I am using OpenACC to compare the execution time of a parallelized vs non-parallelized matrix multiplication operation on the CPU using PGI Community Edition 19.10 (on Windows). The code I am using is:
#include <time.h>
#include <stdlib.h>
int main()
{
// seed the random number generator
srand(42);
// Pick some arbitrary constraints to make the problem harder
const int SIZE_XY = 1000;
const int MIN_VAL = 5000;
const int MAX_VAL = 7000000;
int i, j, k; // iterators
double time_spent = 0.0;
clock_t begin = clock();
// Generate two 2D arrays to be filled with random numbers
// and an array, c, with all 0s
int *a[SIZE_XY];
int *b[SIZE_XY];
int *c[SIZE_XY];
for (i = 0; i < SIZE_XY; i++)
{
a[i] = (int *)malloc(SIZE_XY * sizeof(int));
b[i] = (int *)malloc(SIZE_XY * sizeof(int));
c[i] = (int *)malloc(SIZE_XY * sizeof(int));
}
#pragma acc kernels
{
for (i = 0; i < SIZE_XY; i++)
{
for (j = 0; j < SIZE_XY; j++)
{
a[i][j] = (rand() % MAX_VAL) + MIN_VAL;
b[i][j] = (rand() % MAX_VAL) + MIN_VAL;
c[i][j] = 0;
}
}
}
printf("Array A allocated and filled with random numbers ...\n");
printf("Array B allocated and filled with random numbers ...\n");
printf("Array C initialized ...\n");
// Dot product the two arrays together into c
#pragma acc kernels //HERE
{
for (i = 0; i < SIZE_XY; i++)
{
for (j = 0; j < SIZE_XY; j++)
{
for (k = 0; k < SIZE_XY; k++)
{
c[i][j] = c[i][j] + a[i][k] * b[k][j];
}
}
}
}
printf("Matrices multiplied ...\n");
printf("The first three values of A x B are %d, %d, %d\n", c[0][0], c[0][1], c[0][2]);
clock_t end = clock();
time_spent += (double)(end - begin) / CLOCKS_PER_SEC;
printf("Time elpased is %f seconds", time_spent);
}
When I run the following command in the PGI CMD: pgcc -acc -ta=multicore -Minfo=all,accel matrixACC.c
I receive the following:
59, Complex loop carried dependence of a->,c->,b-> prevents parallelization
62, Complex loop carried dependence of a->,c->,b-> prevents parallelization
64, Complex loop carried dependence of a->,c->,b-> prevents parallelization
Loop carried dependence due to exposed use of c[i1][i2] prevents parallelization
Could I please get some help understanding why this is occurring and how I would be able to parallelize the loops calculating the matrix multiplication.
Thank you
The compiler is unable to determine if your 3 pointer variables (a
, b
, c
) might ever alias one another. If they were to alias one another in some way, then the independence of calculating any particular c[i][j]

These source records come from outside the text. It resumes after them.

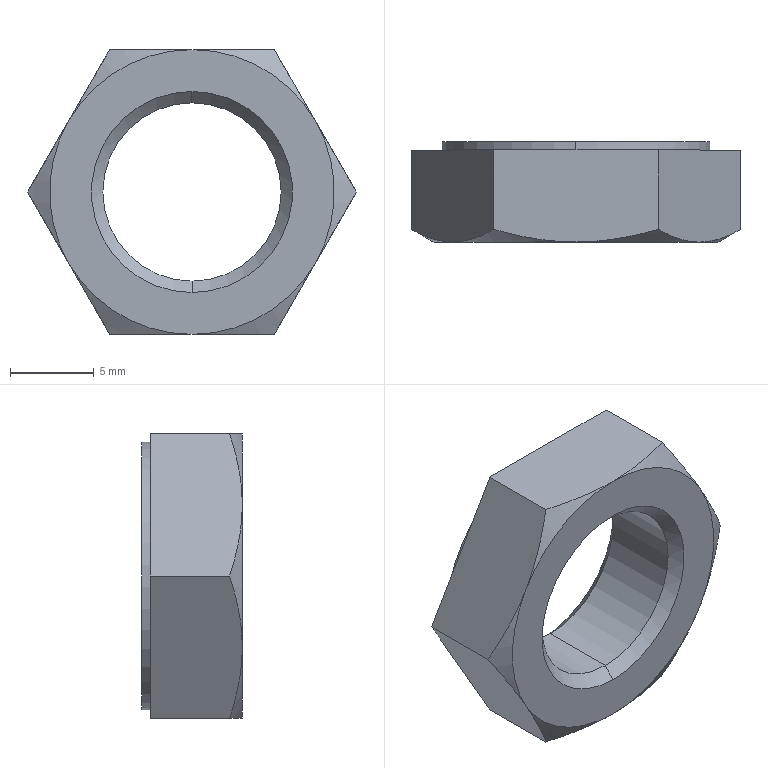Component | SolidWorks | MI-8x60-S-U-M-2(0)-1_MI8-M12x1_25 - Nut-1 | 1 solid | 23 faces | box 19.63 x 6 x 17 mm | volume 922 mm3 | cone 10 | plane 9 | cylinder 4 | commonest cylinder face diameters 10.647 x2 16 x2
build123d program:
from build123d import *

# Parameters (mm, degrees)
SKETCH2_W          = 34
SKETCH2_H          = 34
CUT_EXTRUDE1_DEPTH = 12


with BuildPart() as part:
    # Sketch1 → Revolve1 (revolve)
    with BuildSketch(Plane.XY, mode=Mode.PRIVATE) as revolve1_sk:
        Polygon((0, 0), (0, 8.5), (0.9815, 10.2), (5.5, 10.2), (5.5, 8), (6, 8), (6, 0), align=None)
    revolve(revolve1_sk.sketch.rotate(Axis((6, 0, 0), (-1, 0, 0)), 270), axis=Axis((6, 0, 0), (-1, 0, 0)))

    # Sketch2 → Cut-Extrude1 (cut)
    with BuildSketch(Plane(origin=(0, 0, 0), x_dir=(0, 0, -1), z_dir=(1, 0, 0))):
        Rectangle(SKETCH2_W, SKETCH2_H)
        Polygon((-8.5, 4.907), (-8.5, -4.907), (0, -9.815), (8.5, -4.907), (8.5, 4.907), (0, 9.815), align=None, mode=Mode.SUBTRACT)
    extrude(amount=CUT_EXTRUDE1_DEPTH, mode=Mode.SUBTRACT)

    # Sketch3 → Cut-Revolve1 (revolve, cut)
    with BuildSketch(Plane.XY, mode=Mode.PRIVATE) as cut_revolve1_sk:
        Polygon((0, 0), (0, 6), (0.6765, 5.324), (5.324, 5.324), (6, 6), (6, 0), align=None)
    revolve(cut_revolve1_sk.sketch.rotate(Axis((6, 0, 0), (-1, 0, 0)), 270), axis=Axis((6, 0, 0), (-1, 0, 0)), mode=Mode.SUBTRACT)


solid = part.part

# Placed as in the assembly
solid = solid.moved(Location((-44.181, -56.188, -311.979), (0, 0, 90)))
STEP:
#1=COLOUR_RGB('',0.7922,0.8196,0.9333);
#2=FILL_AREA_STYLE_COLOUR('',#1);
#3=FILL_AREA_STYLE('',(#2));
#4=SURFACE_STYLE_FILL_AREA(#3);
#5=SURFACE_SIDE_STYLE('',(#4));
#6=SURFACE_STYLE_USAGE(.BOTH.,#5);
#7=PRESENTATION_STYLE_ASSIGNMENT((#6));
#8=CARTESIAN_POINT('',(-1.739,-2.003,-12.073));
#9=VERTEX_POINT('',#8);
#10=CARTESIAN_POINT('',(-1.739,-2.003,-12.492));
#11=VERTEX_POINT('',#10);
#12=CARTESIAN_POINT('',(-1.739,-2.003,-12.283));
#13=DIRECTION('',(0.,-1.,0.));
#14=DIRECTION('',(0.,0.,-1.));
#15=AXIS2_PLACEMENT_3D('',#12,#13,#14);
#16=CIRCLE('',#15,0.2096);
#17=EDGE_CURVE('',#9,#11,#16,.T.);
#18=ORIENTED_EDGE('',*,*,#17,.T.);
#19=CARTESIAN_POINT('',(-1.739,-1.976,-12.519));
#20=VERTEX_POINT('',#19);
#21=CARTESIAN_POINT('',(-1.739,-1.976,-12.519));
#22=DIRECTION('',(0.,0.7071,-0.7071));
#23=VECTOR('',#22,39.37);
#24=LINE('',#21,#23);
#25=EDGE_CURVE('',#11,#20,#24,.T.);
#26=ORIENTED_EDGE('',*,*,#25,.T.);
#27=CARTESIAN_POINT('',(-1.739,-1.976,-12.046));
#28=VERTEX_POINT('',#27);
#29=CARTESIAN_POINT('',(-1.739,-1.976,-12.283));
#30=DIRECTION('',(0.,-1.,0.));
#31=DIRECTION('',(0.,0.,-1.));
#32=AXIS2_PLACEMENT_3D('',#29,#30,#31);
#33=CIRCLE('',#32,0.2362);
#34=EDGE_CURVE('',#28,#20,#33,.T.);
#35=ORIENTED_EDGE('',*,*,#34,.F.);
#36=CARTESIAN_POINT('',(-1.739,-1.976,-12.046));
#37=DIRECTION('',(-0.,0.7071,0.7071));
#38=VECTOR('',#37,39.37);
#39=LINE('',#36,#38);
#40=EDGE_CURVE('',#9,#28,#39,.T.);
#41=ORIENTED_EDGE('',*,*,#40,.F.);
#42=EDGE_LOOP('',(#18,#26,#35,#41));
#43=FACE_OUTER_BOUND('',#42,.T.);
#44=CARTESIAN_POINT('',(-1.739,-1.976,-12.283));
#45=DIRECTION('',(-0.,1.,-0.));
#46=DIRECTION('',(-0.,0.,1.));
#47=AXIS2_PLACEMENT_3D('',#44,#45,#46);
#48=CONICAL_SURFACE('',#47,0.2362,0.7854);
#49=ADVANCED_FACE('',(#43),#48,.F.);
#50=ORIENTED_EDGE('',*,*,#17,.F.);
#51=CARTESIAN_POINT('',(-1.739,-2.185,-12.073));
#52=VERTEX_POINT('',#51);
#53=CARTESIAN_POINT('',(-1.739,-1.976,-12.073));
#54=DIRECTION('',(0.,-1.,0.));
#55=VECTOR('',#54,39.37);
#56=LINE('',#53,#55);
#57=EDGE_CURVE('',#9,#52,#56,.T.);
#58=ORIENTED_EDGE('',*,*,#57,.T.);
#59=CARTESIAN_POINT('',(-1.739,-2.185,-12.492));
#60=VERTEX_POINT('',#59);
#61=CARTESIAN_POINT('',(-1.739,-2.185,-12.283));
#62=DIRECTION('',(0.,-1.,0.));
#63=DIRECTION('',(0.,0.,-1.));
#64=AXIS2_PLACEMENT_3D('',#61,#62,#63);
#65=CIRCLE('',#64,0.2096);
#66=EDGE_CURVE('',#52,#60,#65,.T.);
#67=ORIENTED_EDGE('',*,*,#66,.T.);
#68=CARTESIAN_POINT('',(-1.739,-1.976,-12.492));
#69=DIRECTION('',(0.,-1.,0.));
#70=VECTOR('',#69,39.37);
#71=LINE('',#68,#70);
#72=EDGE_CURVE('',#11,#60,#71,.T.);
#73=ORIENTED_EDGE('',*,*,#72,.F.);
#74=EDGE_LOOP('',(#50,#58,#67,#73));
#75=FACE_OUTER_BOUND('',#74,.T.);
#76=CARTESIAN_POINT('',(-1.739,-1.976,-12.283));
#77=DIRECTION('',(0.,-1.,0.));
#78=DIRECTION('',(0.,0.,-1.));
#79=AXIS2_PLACEMENT_3D('',#76,#77,#78);
#80=CYLINDRICAL_SURFACE('',#79,0.2096);
#81=ADVANCED_FACE('',(#75),#80,.F.);
#82=ORIENTED_EDGE('',*,*,#66,.F.);
#83=CARTESIAN_POINT('',(-1.739,-2.212,-12.046));
#84=VERTEX_POINT('',#83);
#85=CARTESIAN_POINT('',(-1.739,-2.185,-12.073));
#86=DIRECTION('',(-0.,-0.7071,0.7071));
#87=VECTOR('',#86,39.37);
#88=LINE('',#85,#87);
#89=EDGE_CURVE('',#52,#84,#88,.T.);
#90=ORIENTED_EDGE('',*,*,#89,.T.);
#91=CARTESIAN_POINT('',(-1.739,-2.212,-12.519));
#92=VERTEX_POINT('',#91);
#93=CARTESIAN_POINT('',(-1.739,-2.212,-12.283));
#94=DIRECTION('',(0.,-1.,0.));
#95=DIRECTION('',(0.,0.,-1.));
#96=AXIS2_PLACEMENT_3D('',#93,#94,#95);
#97=CIRCLE('',#96,0.2362);
#98=EDGE_CURVE('',#84,#92,#97,.T.);
#99=ORIENTED_EDGE('',*,*,#98,.T.);
#100=CARTESIAN_POINT('',(-1.739,-2.185,-12.492));
#101=DIRECTION('',(0.,-0.7071,-0.7071));
#102=VECTOR('',#101,39.37);
#103=LINE('',#100,#102);
#104=EDGE_CURVE('',#60,#92,#103,.T.);
#105=ORIENTED_EDGE('',*,*,#104,.F.);
#106=EDGE_LOOP('',(#82,#90,#99,#105));
#107=FACE_OUTER_BOUND('',#106,.T.);
#108=CARTESIAN_POINT('',(-1.739,-2.185,-12.283));
#109=DIRECTION('',(0.,-1.,0.));
#110=DIRECTION('',(0.,0.,-1.));
#111=AXIS2_PLACEMENT_3D('',#108,#109,#110);
#112=CONICAL_SURFACE('',#111,0.2096,0.7854);
#113=ADVANCED_FACE('',(#107),#112,.F.);
#114=CARTESIAN_POINT('',(-1.739,-1.976,-12.598));
#115=VERTEX_POINT('',#114);
#116=CARTESIAN_POINT('',(-1.739,-1.976,-11.968));
#117=VERTEX_POINT('',#116);
#118=CARTESIAN_POINT('',(-1.739,-1.976,-12.283));
#119=DIRECTION('',(0.,-1.,0.));
#120=DIRECTION('',(0.,0.,-1.));
#121=AXIS2_PLACEMENT_3D('',#118,#119,#120);
#122=CIRCLE('',#121,0.315);
#123=EDGE_CURVE('',#115,#117,#122,.T.);
#124=ORIENTED_EDGE('',*,*,#123,.T.);
#125=CARTESIAN_POINT('',(-1.739,-1.996,-11.968));
#126=VERTEX_POINT('',#125);
#127=CARTESIAN_POINT('',(-1.739,-1.976,-11.968));
#128=DIRECTION('',(0.,-1.,0.));
#129=VECTOR('',#128,39.37);
#130=LINE('',#127,#129);
#131=EDGE_CURVE('',#117,#126,#130,.T.);
#132=ORIENTED_EDGE('',*,*,#131,.T.);
#133=CARTESIAN_POINT('',(-1.739,-1.996,-12.598));
#134=VERTEX_POINT('',#133);
#135=CARTESIAN_POINT('',(-1.739,-1.996,-12.283));
#136=DIRECTION('',(0.,-1.,0.));
#137=DIRECTION('',(0.,0.,-1.));
#138=AXIS2_PLACEMENT_3D('',#135,#136,#137);
#139=CIRCLE('',#138,0.315);
#140=EDGE_CURVE('',#134,#126,#139,.T.);
#141=ORIENTED_EDGE('',*,*,#140,.F.);
#142=CARTESIAN_POINT('',(-1.739,-1.976,-12.598));
#143=DIRECTION('',(0.,-1.,0.));
#144=VECTOR('',#143,39.37);
#145=LINE('',#142,#144);
#146=EDGE_CURVE('',#115,#134,#145,.T.);
#147=ORIENTED_EDGE('',*,*,#146,.F.);
#148=EDGE_LOOP('',(#124,#132,#141,#147));
#149=FACE_OUTER_BOUND('',#148,.T.);
#150=CARTESIAN_POINT('',(-1.739,-1.976,-12.283));
#151=DIRECTION('',(0.,-1.,0.));
#152=DIRECTION('',(0.,0.,-1.));
#153=AXIS2_PLACEMENT_3D('',#150,#151,#152);
#154=CYLINDRICAL_SURFACE('',#153,0.315);
#155=ADVANCED_FACE('',(#149),#154,.T.);
#156=ORIENTED_EDGE('',*,*,#123,.F.);
#157=CARTESIAN_POINT('',(-1.739,-1.976,-12.283));
#158=DIRECTION('',(0.,-1.,0.));
#159=DIRECTION('',(0.,0.,-1.));
#160=AXIS2_PLACEMENT_3D('',#157,#158,#159);
#161=CIRCLE('',#160,0.315);
#162=EDGE_CURVE('',#117,#115,#161,.T.);
#163=ORIENTED_EDGE('',*,*,#162,.F.);
#164=EDGE_LOOP('',(#156,#163));
#165=FACE_OUTER_BOUND('',#164,.T.);
#166=ORIENTED_EDGE('',*,*,#34,.T.);
#167=CARTESIAN_POINT('',(-1.739,-1.976,-12.283));
#168=DIRECTION('',(0.,-1.,0.));
#169=DIRECTION('',(0.,0.,-1.));
#170=AXIS2_PLACEMENT_3D('',#167,#168,#169);
#171=CIRCLE('',#170,0.2362);
#172=EDGE_CURVE('',#20,#28,#171,.T.);
#173=ORIENTED_EDGE('',*,*,#172,.T.);
#174=EDGE_LOOP('',(#166,#173));
#175=FACE_BOUND('',#174,.T.);
#176=CARTESIAN_POINT('',(-1.424,-1.976,-12.283));
#177=DIRECTION('',(0.,-1.,0.));
#178=DIRECTION('',(0.,-0.,-1.));
#179=AXIS2_PLACEMENT_3D('',#176,#177,#178);
#180=PLANE('',#179);
#181=ADVANCED_FACE('',(#165,#175),#180,.F.);
#182=CARTESIAN_POINT('',(-1.739,-2.212,-12.617));
#183=VERTEX_POINT('',#182);
#184=CARTESIAN_POINT('',(-1.45,-2.212,-12.45));
#185=VERTEX_POINT('',#184);
#186=CARTESIAN_POINT('',(-1.739,-2.212,-12.283));
#187=DIRECTION('',(0.,-1.,0.));
#188=DIRECTION('',(0.,0.,-1.));
#189=AXIS2_PLACEMENT_3D('',#186,#187,#188);
#190=CIRCLE('',#189,0.3346);
#191=EDGE_CURVE('',#183,#185,#190,.T.);
#192=ORIENTED_EDGE('',*,*,#191,.T.);
#193=CARTESIAN_POINT('',(-1.45,-2.212,-12.115));
#194=VERTEX_POINT('',#193);
#195=CARTESIAN_POINT('',(-1.739,-2.212,-12.283));
#196=DIRECTION('',(0.,-1.,0.));
#197=DIRECTION('',(0.,0.,-1.));
#198=AXIS2_PLACEMENT_3D('',#195,#196,#197);
#199=CIRCLE('',#198,0.3346);
#200=EDGE_CURVE('',#185,#194,#199,.T.);
#201=ORIENTED_EDGE('',*,*,#200,.T.);
#202=CARTESIAN_POINT('',(-1.739,-2.212,-11.948));
#203=VERTEX_POINT('',#202);
#204=CARTESIAN_POINT('',(-1.739,-2.212,-12.283));
#205=DIRECTION('',(0.,-1.,0.));
#206=DIRECTION('',(0.,0.,-1.));
#207=AXIS2_PLACEMENT_3D('',#204,#205,#206);
#208=CIRCLE('',#207,0.3346);
#209=EDGE_CURVE('',#194,#203,#208,.T.);
#210=ORIENTED_EDGE('',*,*,#209,.T.);
#211=CARTESIAN_POINT('',(-2.029,-2.212,-12.115));
#212=VERTEX_POINT('',#211);
#213=CARTESIAN_POINT('',(-1.739,-2.212,-12.283));
#214=DIRECTION('',(0.,-1.,0.));
#215=DIRECTION('',(0.,0.,-1.));
#216=AXIS2_PLACEMENT_3D('',#213,#214,#215);
#217=CIRCLE('',#216,0.3346);
#218=EDGE_CURVE('',#203,#212,#217,.T.);
#219=ORIENTED_EDGE('',*,*,#218,.T.);
#220=CARTESIAN_POINT('',(-2.029,-2.212,-12.45));
#221=VERTEX_POINT('',#220);
#222=CARTESIAN_POINT('',(-1.739,-2.212,-12.283));
#223=DIRECTION('',(0.,-1.,0.));
#224=DIRECTION('',(0.,0.,-1.));
#225=AXIS2_PLACEMENT_3D('',#222,#223,#224);
#226=CIRCLE('',#225,0.3346);
#227=EDGE_CURVE('',#212,#221,#226,.T.);
#228=ORIENTED_EDGE('',*,*,#227,.T.);
#229=CARTESIAN_POINT('',(-1.739,-2.212,-12.283));
#230=DIRECTION('',(0.,-1.,0.));
#231=DIRECTION('',(0.,0.,-1.));
#232=AXIS2_PLACEMENT_3D('',#229,#230,#231);
#233=CIRCLE('',#232,0.3346);
#234=EDGE_CURVE('',#221,#183,#233,.T.);
#235=ORIENTED_EDGE('',*,*,#234,.T.);
#236=EDGE_LOOP('',(#192,#201,#210,#219,#228,#235));
#237=FACE_OUTER_BOUND('',#236,.T.);
#238=CARTESIAN_POINT('',(-1.739,-2.212,-12.283));
#239=DIRECTION('',(0.,-1.,0.));
#240=DIRECTION('',(0.,0.,-1.));
#241=AXIS2_PLACEMENT_3D('',#238,#239,#240);
#242=CIRCLE('',#241,0.2362);
#243=EDGE_CURVE('',#92,#84,#242,.T.);
#244=ORIENTED_EDGE('',*,*,#243,.F.);
#245=ORIENTED_EDGE('',*,*,#98,.F.);
#246=EDGE_LOOP('',(#244,#245));
#247=FACE_BOUND('',#246,.T.);
#248=CARTESIAN_POINT('',(-1.739,-2.212,-12.283));
#249=DIRECTION('',(-0.,1.,-0.));
#250=DIRECTION('',(-0.,0.,1.));
#251=AXIS2_PLACEMENT_3D('',#248,#249,#250);
#252=PLANE('',#251);
#253=ADVANCED_FACE('',(#237,#247),#252,.F.);
#254=CARTESIAN_POINT('',(-1.546,-1.996,-11.948));
#255=VERTEX_POINT('',#254);
#256=CARTESIAN_POINT('',(-1.353,-1.996,-12.283));
#257=VERTEX_POINT('',#256);
#258=CARTESIAN_POINT('',(-1.349,-1.996,-12.289));
#259=DIRECTION('',(0.5,0.,-0.866));
#260=VECTOR('',#259,39.37);
#261=LINE('',#258,#260);
#262=EDGE_CURVE('',#255,#257,#261,.T.);
#263=ORIENTED_EDGE('',*,*,#262,.T.);
#264=CARTESIAN_POINT('',(-1.546,-1.996,-12.617));
#265=VERTEX_POINT('',#264);
#266=CARTESIAN_POINT('',(-1.349,-1.996,-12.276));
#267=DIRECTION('',(-0.5,-0.,-0.866));
#268=VECTOR('',#267,39.37);
#269=LINE('',#266,#268);
#270=EDGE_CURVE('',#257,#265,#269,.T.);
#271=ORIENTED_EDGE('',*,*,#270,.T.);
#272=CARTESIAN_POINT('',(-1.933,-1.996,-12.617));
#273=VERTEX_POINT('',#272);
#274=CARTESIAN_POINT('',(-1.338,-1.996,-12.617));
#275=DIRECTION('',(-1.,-0.,-0.));
#276=VECTOR('',#275,39.37);
#277=LINE('',#274,#276);
#278=EDGE_CURVE('',#265,#273,#277,.T.);
#279=ORIENTED_EDGE('',*,*,#278,.T.);
#280=CARTESIAN_POINT('',(-2.126,-1.996,-12.283));
#281=VERTEX_POINT('',#280);
#282=CARTESIAN_POINT('',(-1.929,-1.996,-12.624));
#283=DIRECTION('',(-0.5,-0.,0.866));
#284=VECTOR('',#283,39.37);
#285=LINE('',#282,#284);
#286=EDGE_CURVE('',#273,#281,#285,.T.);
#287=ORIENTED_EDGE('',*,*,#286,.T.);
#288=CARTESIAN_POINT('',(-1.933,-1.996,-11.948));
#289=VERTEX_POINT('',#288);
#290=CARTESIAN_POINT('',(-1.929,-1.996,-11.941));
#291=DIRECTION('',(0.5,0.,0.866));
#292=VECTOR('',#291,39.37);
#293=LINE('',#290,#292);
#294=EDGE_CURVE('',#281,#289,#293,.T.);
#295=ORIENTED_EDGE('',*,*,#294,.T.);
#296=CARTESIAN_POINT('',(-1.338,-1.996,-11.948));
#297=DIRECTION('',(1.,0.,0.));
#298=VECTOR('',#297,39.37);
#299=LINE('',#296,#298);
#300=EDGE_CURVE('',#289,#255,#299,.T.);
#301=ORIENTED_EDGE('',*,*,#300,.T.);
#302=EDGE_LOOP('',(#263,#271,#279,#287,#295,#301));
#303=FACE_OUTER_BOUND('',#302,.T.);
#304=ORIENTED_EDGE('',*,*,#140,.T.);
#305=CARTESIAN_POINT('',(-1.739,-1.996,-12.283));
#306=DIRECTION('',(0.,-1.,0.));
#307=DIRECTION('',(0.,0.,-1.));
#308=AXIS2_PLACEMENT_3D('',#305,#306,#307);
#309=CIRCLE('',#308,0.315);
#310=EDGE_CURVE('',#126,#134,#309,.T.);
#311=ORIENTED_EDGE('',*,*,#310,.T.);
#312=EDGE_LOOP('',(#304,#311));
#313=FACE_BOUND('',#312,.T.);
#314=CARTESIAN_POINT('',(-1.338,-1.996,-12.283));
#315=DIRECTION('',(0.,-1.,0.));
#316=DIRECTION('',(0.,-0.,-1.));
#317=AXIS2_PLACEMENT_3D('',#314,#315,#316);
#318=PLANE('',#317);
#319=ADVANCED_FACE('',(#303,#313),#318,.F.);
#320=ORIENTED_EDGE('',*,*,#131,.F.);
#321=ORIENTED_EDGE('',*,*,#162,.T.);
#322=ORIENTED_EDGE('',*,*,#146,.T.);
#323=ORIENTED_EDGE('',*,*,#310,.F.);
#324=EDGE_LOOP('',(#320,#321,#322,#323));
#325=FACE_OUTER_BOUND('',#324,.T.);
#326=CARTESIAN_POINT('',(-1.739,-1.976,-12.283));
#327=DIRECTION('',(0.,-1.,0.));
#328=DIRECTION('',(0.,0.,-1.));
#329=AXIS2_PLACEMENT_3D('',#326,#327,#328);
#330=CYLINDRICAL_SURFACE('',#329,0.315);
#331=ADVANCED_FACE('',(#325),#330,.T.);
#332=CARTESIAN_POINT('',(-1.546,-2.182,-12.617));
#333=VERTEX_POINT('',#332);
#334=CARTESIAN_POINT('',(-1.546,-1.74,-12.617));
#335=DIRECTION('',(0.,-1.,0.));
#336=VECTOR('',#335,39.37);
#337=LINE('',#334,#336);
#338=EDGE_CURVE('',#265,#333,#337,.T.);
#339=ORIENTED_EDGE('',*,*,#338,.F.);
#340=ORIENTED_EDGE('',*,*,#270,.F.);
#341=CARTESIAN_POINT('',(-1.353,-2.182,-12.283));
#342=VERTEX_POINT('',#341);
#343=CARTESIAN_POINT('',(-1.353,-1.74,-12.283));
#344=DIRECTION('',(0.,-1.,0.));
#345=VECTOR('',#344,39.37);
#346=LINE('',#343,#345);
#347=EDGE_CURVE('',#257,#342,#346,.T.);
#348=ORIENTED_EDGE('',*,*,#347,.T.);
#349=CARTESIAN_POINT('',(-1.45,-2.212,-12.45));
#350=CARTESIAN_POINT('',(-1.441,-2.212,-12.436));
#351=CARTESIAN_POINT('',(-1.433,-2.211,-12.421));
#352=CARTESIAN_POINT('',(-1.417,-2.209,-12.393));
#353=CARTESIAN_POINT('',(-1.409,-2.207,-12.379));
#354=CARTESIAN_POINT('',(-1.385,-2.199,-12.337));
#355=CARTESIAN_POINT('',(-1.369,-2.191,-12.31));
#356=CARTESIAN_POINT('',(-1.353,-2.182,-12.283));
#357=B_SPLINE_CURVE_WITH_KNOTS('',3,(#349,#350,#351,#352,#353,#354,#355,#356),.UNSPECIFIED.,.F.,.F.,(4,2,2,4),(0.004966,0.006203,0.007439,0.009913),.UNSPECIFIED.);
#358=EDGE_CURVE('',#185,#342,#357,.T.);
#359=ORIENTED_EDGE('',*,*,#358,.F.);
#360=CARTESIAN_POINT('',(-1.546,-2.182,-12.617));
#361=CARTESIAN_POINT('',(-1.53,-2.191,-12.59));
#362=CARTESIAN_POINT('',(-1.514,-2.199,-12.562));
#363=CARTESIAN_POINT('',(-1.482,-2.209,-12.507));
#364=CARTESIAN_POINT('',(-1.466,-2.212,-12.478));
#365=CARTESIAN_POINT('',(-1.45,-2.212,-12.45));
#366=B_SPLINE_CURVE_WITH_KNOTS('',3,(#360,#361,#362,#363,#364,#365),.UNSPECIFIED.,.F.,.F.,(4,2,4),(0.00000024,0.002483,0.004966),.UNSPECIFIED.);
#367=EDGE_CURVE('',#333,#185,#366,.T.);
#368=ORIENTED_EDGE('',*,*,#367,.F.);
#369=EDGE_LOOP('',(#339,#340,#348,#359,#368));
#370=FACE_OUTER_BOUND('',#369,.T.);
#371=CARTESIAN_POINT('',(-1.353,-1.74,-12.283));
#372=DIRECTION('',(-0.866,-0.,0.5));
#373=DIRECTION('',(0.5,0.,0.866));
#374=AXIS2_PLACEMENT_3D('',#371,#372,#373);
#375=PLANE('',#374);
#376=ADVANCED_FACE('',(#370),#375,.F.);
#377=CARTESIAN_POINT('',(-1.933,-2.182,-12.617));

could not be ascertained, and it would not be able to properly parallelize (any of) the loops.
One possible method to address this is to inform the compiler that you guarantee as the programmer that (for example) the first loop represents independent activity (amongst its various iterations). You can do this by placing #pragma acc loop independent
immediately before the first for
-loop statement. For the matrix sizes you have chosen here (and multicore target), that will give you plenty of exposed parallelism. (The compiler will still emit Minfo
messages about the non-parallelization of other loops, but that is OK, most likely. For a multicore target, having 1000 parallel work items should be plenty to get good performance).
Note that your calculations will easily overflow int
storage for the initialization range you have chosen. You'll get nonsense results.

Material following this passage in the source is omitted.